Nothing plain about plein air
By:
Leslie Silverman
This year’s Black Hills Plein Air Paint Out, hosted by the Hill City Arts Council, drew a wide variety of artists to the Heart of the Hills region. Two of them, Michael Walter and Nick Hix, show the diversity of the field that comes to compete for best in show and cash prizes.
Walter heard about the Pelin Air show through an advertisement in a Plein Air magazine. He had wanted to do it last year but the dates did not work out. But this year he jumped in.
“I’ve been waiting all year to come here,” he said. Walter has been to South Dakota before. “I remember the scenery and thought ‘I would love to be painting out here.’”
Walter came all the way from Wexford, Pa., a suburb of Pittsburgh and much like the Black Hills in terms of trees and hills.
But Walter notes some differences.
“I love the color of the pine bark. It’s different back home,” he said. “I like drawing and painting hemlocks because they have that ruddy tannin color to them and the pines out here have that same orangey tan but they’re much bigger pattern bark.”
He describes the rocks in the Black Hills as well.
“Back home it’s all the sandstone and limestone,” he said. “But here they look like they’ve been scoured and rolled ... and that wonderful lichen-colored granite ... I’m looking for those color differences between cobalt and teals and oranges and just the striking diagonals that are formed by the rocks and the trees and the meadows.”
Even the grass out here, he notes, is “soft and wavy” as opposed to the short grass he sees back home.
Walter has been painting since he was a child but has been focusing on landscapes since 2009.
“In the warm months I like to go out and paint landscapes because I react to the color,” he said. “Very, very rarely do I have any element of built environments.”
As such he was concerned about the quick draw event in which artists were asked to stay in town and focus on the more “urban” landscape of Hill City.
“Usually I look at a landscape as just a pattern of color and light and contrasting sizes and shapes,” he said. “I don’t do an underdrawing at all. I go straight in with the color.”
Nick Hix is a local artist from Rapid City who works mostly as a bladesmith.
Hix was born in Custer and had his art in a gallery on 7th Street in Rapid City where the current Staple and Spice store is located. Hix was featured on the television show “Forged in Fire” that appeared on the History Channel in 2019.
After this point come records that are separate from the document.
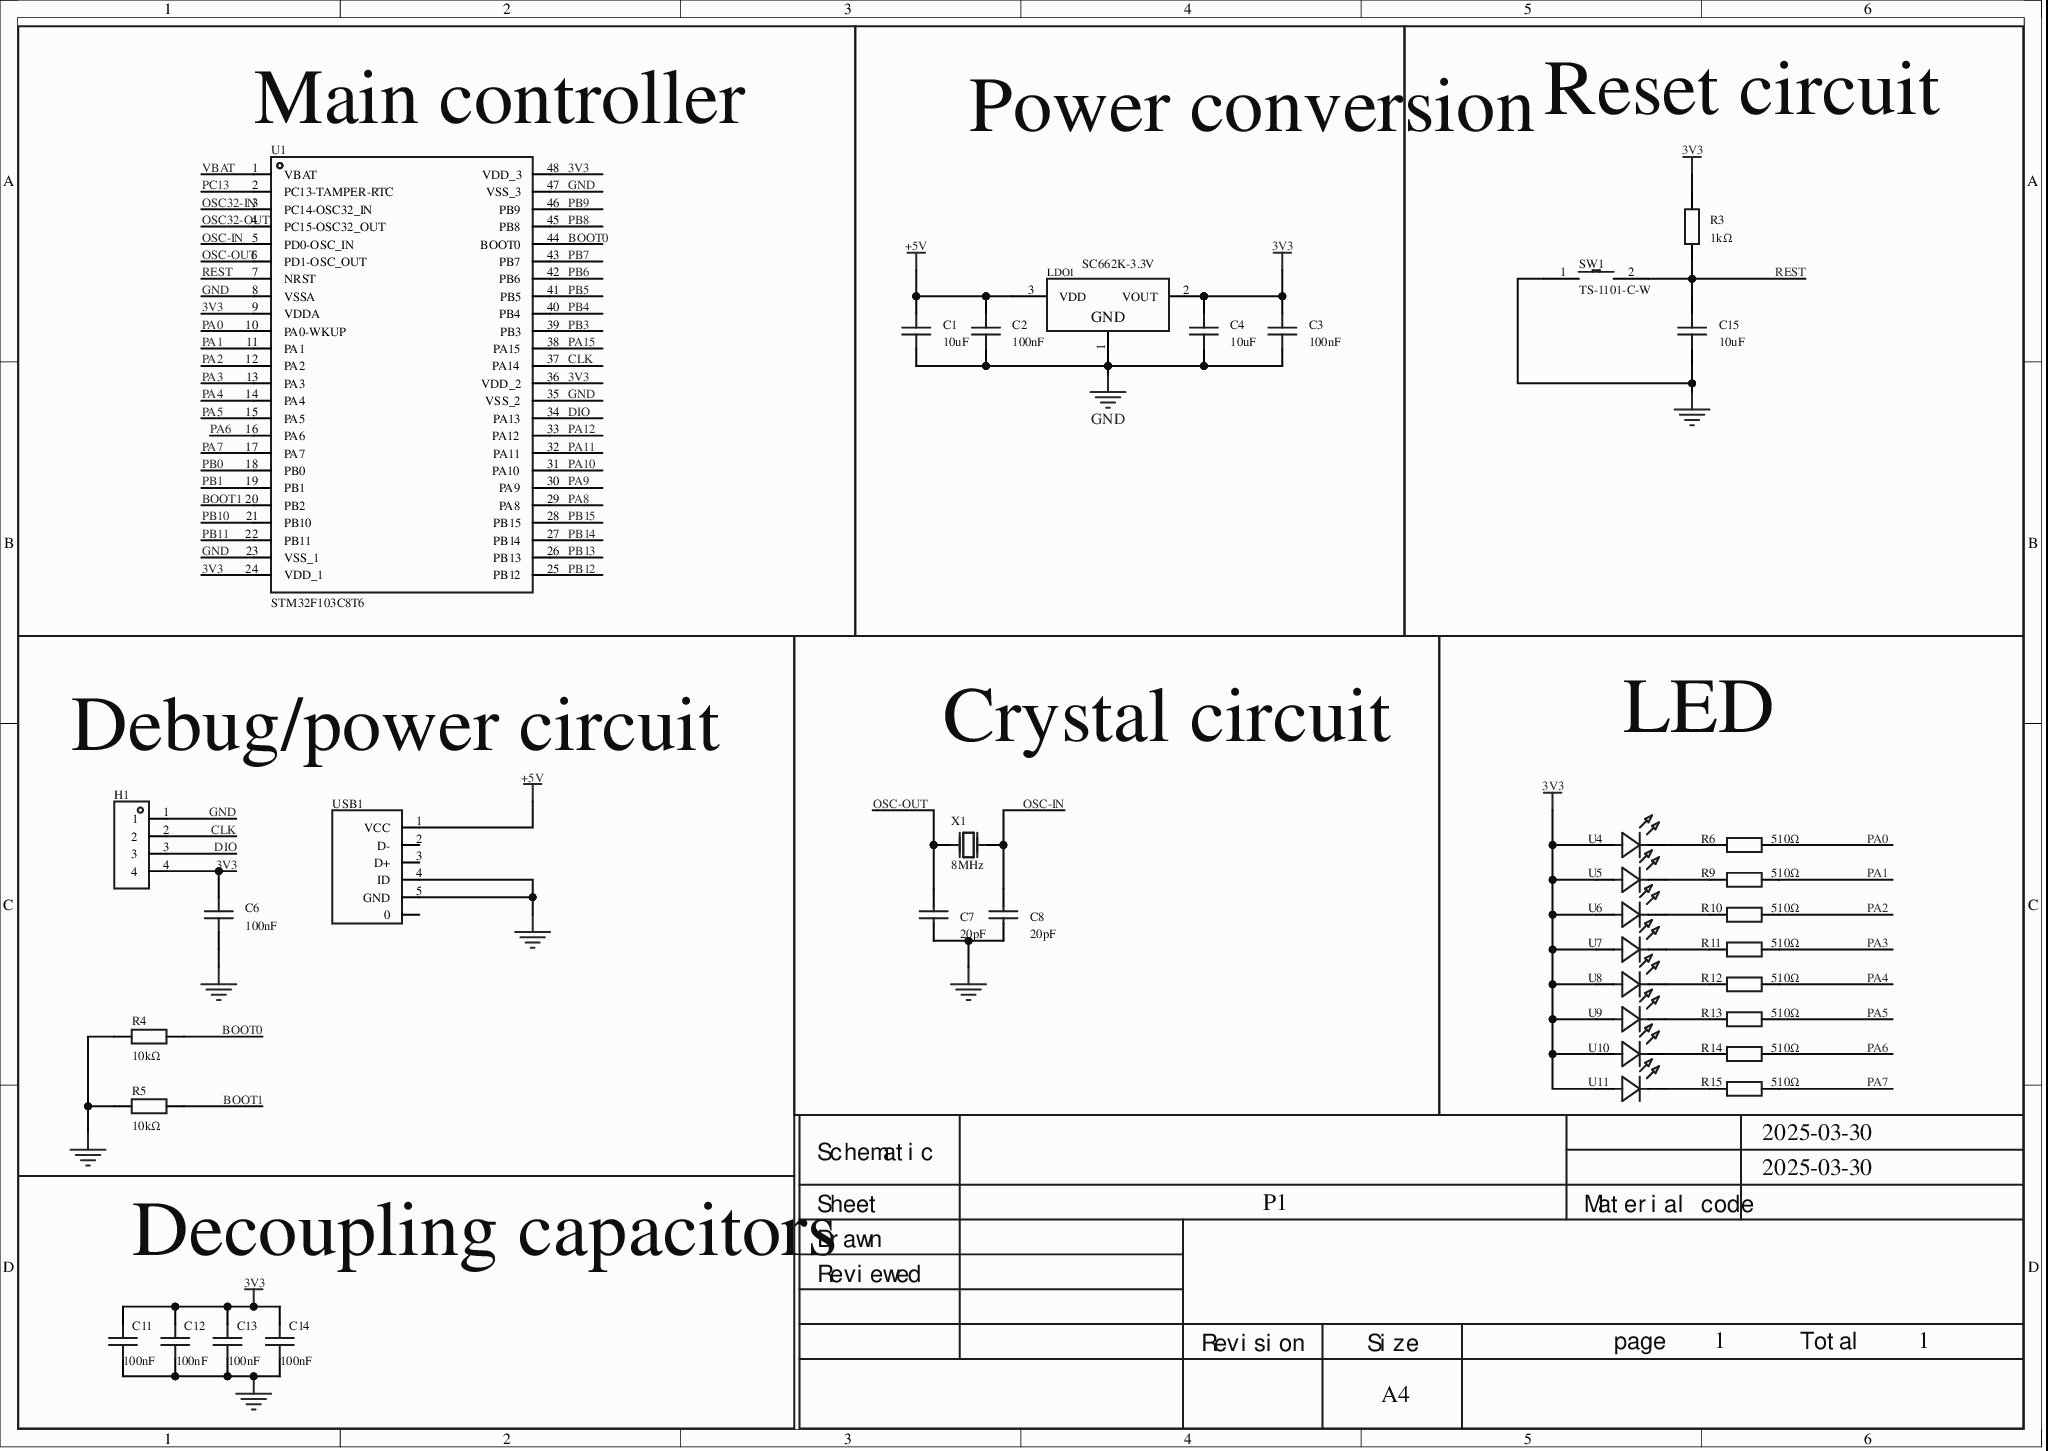
[diagram p0: MISC61263-3.schdoc]
# Altium project MISC61263-2.PrjPcb
1 sheet, 37 parts. Net scope: global (net labels, ports and power ports of the same name join across sheets).
Board file: MISC61263.pcbdoc

## Sheet MISC61263-3.schdoc
size 297 x 210 mm; Version: V1.0; @Project Name: MISC61263; @Page Count: 1; @Update Date: 2025-03-30; @Create Date: 2025-03-30; @Schematic Name: MISC61263; @Page No: 1; @Board Name: MISC61263; @Create Time: 16:09:01; @Update Time: 17:01:16

### Parts
C1  10uF  [C0603]
C2  100nF  [C0603]
C3  100nF  [C0603]
C4  10uF  [C0603]
C6  100nF  [C0603]
C7  20pF  [C0603]
C8  20pF  [C0603]
C11  100nF  [C0603]
C12  100nF  [C0603]
C13  100nF  [C0603]
C14  100nF  [C0603]
C15  10uF  [C0603]
H1  (no value)  [HDR-TH_4P-P2.54-V-M]
LDO1  SC662K-3.3V  [SOT-23-3_L2.9-W1.3-P1.90-LS2.4-BR]
R3  1kΩ  [R0603]
R4  10kΩ  [R0603]
R5  10kΩ  [R0603]
R6  510Ω  [R0603]
R9  510Ω  [R0603]
R10  510Ω  [R0603]
R11  510Ω  [R0603]
R12  510Ω  [R0603]
R13  510Ω  [R0603]
R14  510Ω  [R0603]
R15  510Ω  [R0603]
SW1  TS-1101-C-W  [SW-SMD_L6.0-W3.3-LS8.0]
U1  STM32F103C8T6  [LQFP-48_L7.0-W7.0-P0.50-LS9.0-BL]
U4  42-51/GHC-YW2X2K/3T  [LED-SMD_L1.6-W0.8-FD_GREEN-1]  (value not drawn)
U5  42-51/GHC-YW2X2K/3T  [LED-SMD_L1.6-W0.8-FD_GREEN-1]  (value not drawn)
U6  42-51/GHC-YW2X2K/3T  [LED-SMD_L1.6-W0.8-FD_GREEN-1]  (value not drawn)
U7  42-51/GHC-YW2X2K/3T  [LED-SMD_L1.6-W0.8-FD_GREEN-1]  (value not drawn)
U8  42-51/GHC-YW2X2K/3T  [LED-SMD_L1.6-W0.8-FD_GREEN-1]  (value not drawn)
U9  42-51/GHC-YW2X2K/3T  [LED-SMD_L1.6-W0.8-FD_GREEN-1]  (value not drawn)
U10  42-51/GHC-YW2X2K/3T  [LED-SMD_L1.6-W0.8-FD_GREEN-1]  (value not drawn)
U11  42-51/GHC-YW2X2K/3T  [LED-SMD_L1.6-W0.8-FD_GREEN-1]  (value not drawn)
USB1  920-D62A2021S10100  [MICRO-USB-SMD_5P-P0.65-H-M_MICRO-USB-5P]  (value not drawn)
X1  8MHz  [OSC-TH_L10.0-W4.5-P5.00]

### Blocks framed on the sheet
Main controller: U1
Power conversion: C1-C4 LDO1
Reset circuit: C15 R3 SW1
Debug/power circuit: C6 H1 R4 R5 USB1
Crystal circuit: C7 C8 X1
LED: R6 R9-R15 U4-U11
Decoupling capacitors: C11-C14

### Nets
3V3: C3.2 C4.2 C6.2 C11.2 C12.2 C13.2 C14.2 H1.4 LDO1.2(VOUT) R3.2 U1.9(VDDA) U1.24(VDD_1) U1.36(VDD_2) U1.48(VDD_3) U4.1(A) U5.1(A) U6.1(A) U7.1(A) U8.1(A) U9.1(A) U10.1(A) U11.1(A)
+5V: C1.2 C2.2 LDO1.3(VDD) USB1.1(VCC)
GND: C1.1 C2.1 C3.1 C4.1 C6.1 C7.1 C8.1 C11.1 C12.1 C13.1 C14.1 C15.1 H1.1 LDO1.1(GND) R4.1 R5.1 SW1.1 U1.8(VSSA) U1.23(VSS_1) U1.35(VSS_2) U1.47(VSS_3) USB1.4(ID) USB1.5(GND)
BOOT0: R4.2 U1.44(BOOT0)
BOOT1: R5.2 U1.20(PB2)
CLK: H1.2 U1.37(PA14)
DIO: H1.3 U1.34(PA13)
OSC32-IN: U1.3(PC14-OSC32_IN)
OSC32-OUT: U1.4(PC15-OSC32_OUT)
OSC-IN: C8.2 U1.5(PD0-OSC_IN) X1.1(OSC1)
OSC-OUT: C7.2 U1.6(PD1-OSC_OUT) X1.2(OSC2)
PA0: R6.2 U1.10(PA0-WKUP)
PA1: R9.2 U1.11(PA1)
PA2: R10.2 U1.12(PA2)
PA3: R11.2 U1.13(PA3)
PA4: R12.2 U1.14(PA4)
PA5: R13.2 U1.15(PA5)
PA6: R14.2 U1.16(PA6)
PA7: R15.2 U1.17(PA7)
PA8: U1.29(PA8)
PA9: U1.30(PA9)
PA10: U1.31(PA10)
PA11: U1.32(PA11)
PA12: U1.33(PA12)
PA15: U1.38(PA15)
PB0: U1.18(PB0)
PB1: U1.19(PB1)
PB3: U1.39(PB3)
PB4: U1.40(PB4)
PB5: U1.41(PB5)
PB6: U1.42(PB6)
PB7: U1.43(PB7)
PB8: U1.45(PB8)
PB9: U1.46(PB9)
PB10: U1.21(PB10)
PB11: U1.22(PB11)
PB12: U1.25(PB12)
PB13: U1.26(PB13)
PB14: U1.27(PB14)
PB15: U1.28(PB15)
PC13: U1.2(PC13-TAMPER-RTC)
REST: C15.2 R3.1 SW1.2 U1.7(NRST)
VBAT: U1.1(VBAT)
NetR6_1: R6.1 U4.2(C)
NetR9_1: R9.1 U5.2(C)
NetR10_1: R10.1 U6.2(C)
NetR11_1: R11.1 U7.2(C)
NetR12_1: R12.1 U8.2(C)
NetR13_1: R13.1 U9.2(C)
NetR14_1: R14.1 U10.2(C)
NetR15_1: R15.1 U11.2(C)

Not connected (* = marked no-connect by the designer): USB1 0* 2(D-) 3(D+)

### Notes on the sheet
- 2025-03-30
- Schematic
- Sheet
- P1
- Material code
- Reviewed
- Drawn
- Revision
- Size
- A4
- page
- 1
- Total

### Library data of the parts
C1 C4 C15 = CL10A106KP8NNNC: Capacitance: 10uF; tolerance: ±10%; rated voltage: 10V; dielectric (temperature coefficient): X5R;; Manufacturer: SAMSUNG(三星); AddInBom: yes; ModelId: ac125912035d415993ca9572d50418b1; ModelName: C0603_L1.6-W0.8-H0.8; ModelTransform: 62.992,31.496,0,0,0,0,0,0,0; Device: CL10A106KP8NNNC; Symbol: CL10A106KP8NNNC; LCSC Part Name: 10uF ±10% 10V; SupplierPart: C19702; ManufacturerPart: CL10A106KP8NNNC; Supplier Footprint: 0603; JLCPCB Part Class: Basic library; Datasheet: https://atta.szlcsc.com/upload/public/pdf/source/20160103/1457707703378.pdf; Supplier: LCSC; ConvertToPcb: yes; FootprintName: C0603; Value: 10uF; Tolerance: ±10%; Voltage Rated: 10V; Temperature Coefficient: X5R
C2 C3 = CC0603KRX7R9BB104: Capacitance: 100nF; tolerance: ±10%; rated voltage: 50V; dielectric (temperature coefficient): X7R;; Manufacturer: YAGEO(国巨); AddInBom: yes; ModelId: ac125912035d415993ca9572d50418b1; ModelName: C0603_L1.6-W0.8-H0.8; ModelTransform: 62.992,31.496,0,0,0,0,0,0,0; Device: CC0603KRX7R9BB104; Symbol: CC0603KRX7R9BB104; LCSC Part Name: 100nF ±10% 50V; SupplierPart: C14663; ManufacturerPart: CC0603KRX7R9BB104; Supplier Footprint: 0603; JLCPCB Part Class: Basic library; Datasheet: https://atta.szlcsc.com/upload/public/pdf/source/20180910/C282072_33301C7F631E79921B82A8DAC6BCC5B3.pdf; Supplier: LCSC; ConvertToPcb: yes; FootprintName: C0603; Value: 100nF; Tolerance: ±10%; Voltage Rated: 50V; Temperature Coefficient: X7R
C6 C11-C14 = CGA0603X7R104K500JT: Capacitance: 100nF; tolerance: ±10%; rated voltage: 50V; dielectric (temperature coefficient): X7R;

A self-taught artist with a large portfolio of skills, Hix focuses mainly on metal sculptures and creates custom blades in his forge behind the fairgrounds in Rapid City. He has been painting for 39 years but he doesn’t get to do it much because “life interferes.” He usually paints for himself.
“This is one of the first times I got into a contest,” Hix said. “Since we were up here this summer and found out about it I thought this is something we’d enjoy doing.”
Hix’s entries to the Plein Air show were all urban landscapes: a scene from Deadwood, a snapshot of the Mint Bar in downtown Sheridan, Wyo., a vision of the Alpine Inn and a rendering of the Jon Crane Gallery.
Hix concerned himself with several things as he painted his first submission into the contest “First the Wind,” which forced him to weight his easel with a Menard’s bucket and caused his paint to dry very quickly, causing him to use a paint retarder. He said oils are different from acrylics in that oils don’t dry out. His other concern was time.
“I don’t paint with a time schedule,” Hix said.
Like all the Plein Air artists his submission was due by 4:30 that afternoon. He figured he would work on his painting all afternoon.
As he applied paint to his palette and then his canvas, Hix noted he is mostly a studio painter, “so this isn’t really my deal.” But Hix loves urban landscapes.
“I like the idea of bringing trees, flowers and stuff into the urban landscape. I like busy scenes with lots of action.”
Hix began by getting the perspective, taking his time to really look at the scene and create a vision in his mind. He then went to work blocking, getting everything blocked in before he began construction of the piece. This meant painting with two colors, black and blue.
“All the highlights will come in later,” Hix said. “We need shadows for buildings to come over with lights for the street.”
He says the hard part for him is getting started.
“When you get started it’s all very difficult finding subject matter. Once you’ve started it begins to change,” he said. That’s when he begins to calm down.
As for when his painting is done, “That’s a really good question. It’s hard to know when you’re finished. Suddenly it hits you. You run out of things to paint,” he said.
Tanner Lamphere took home the Thursday Best of Day while Friday’s best of day went to Alissa Millsap.
Best downtown Hill City went to Stephen Randall.
Jill Tesnow won the People’s Choice award, with the Artist’s Choice award going to Mary Boylan. Kimberly Larson got honorable mention.
Best of Show went to Cheryl LeClair-Sommer for her work entitled “Hidey Hole.” LeClair-Sommer found the spot behind Pine Street and noted “the morning light is perfect.”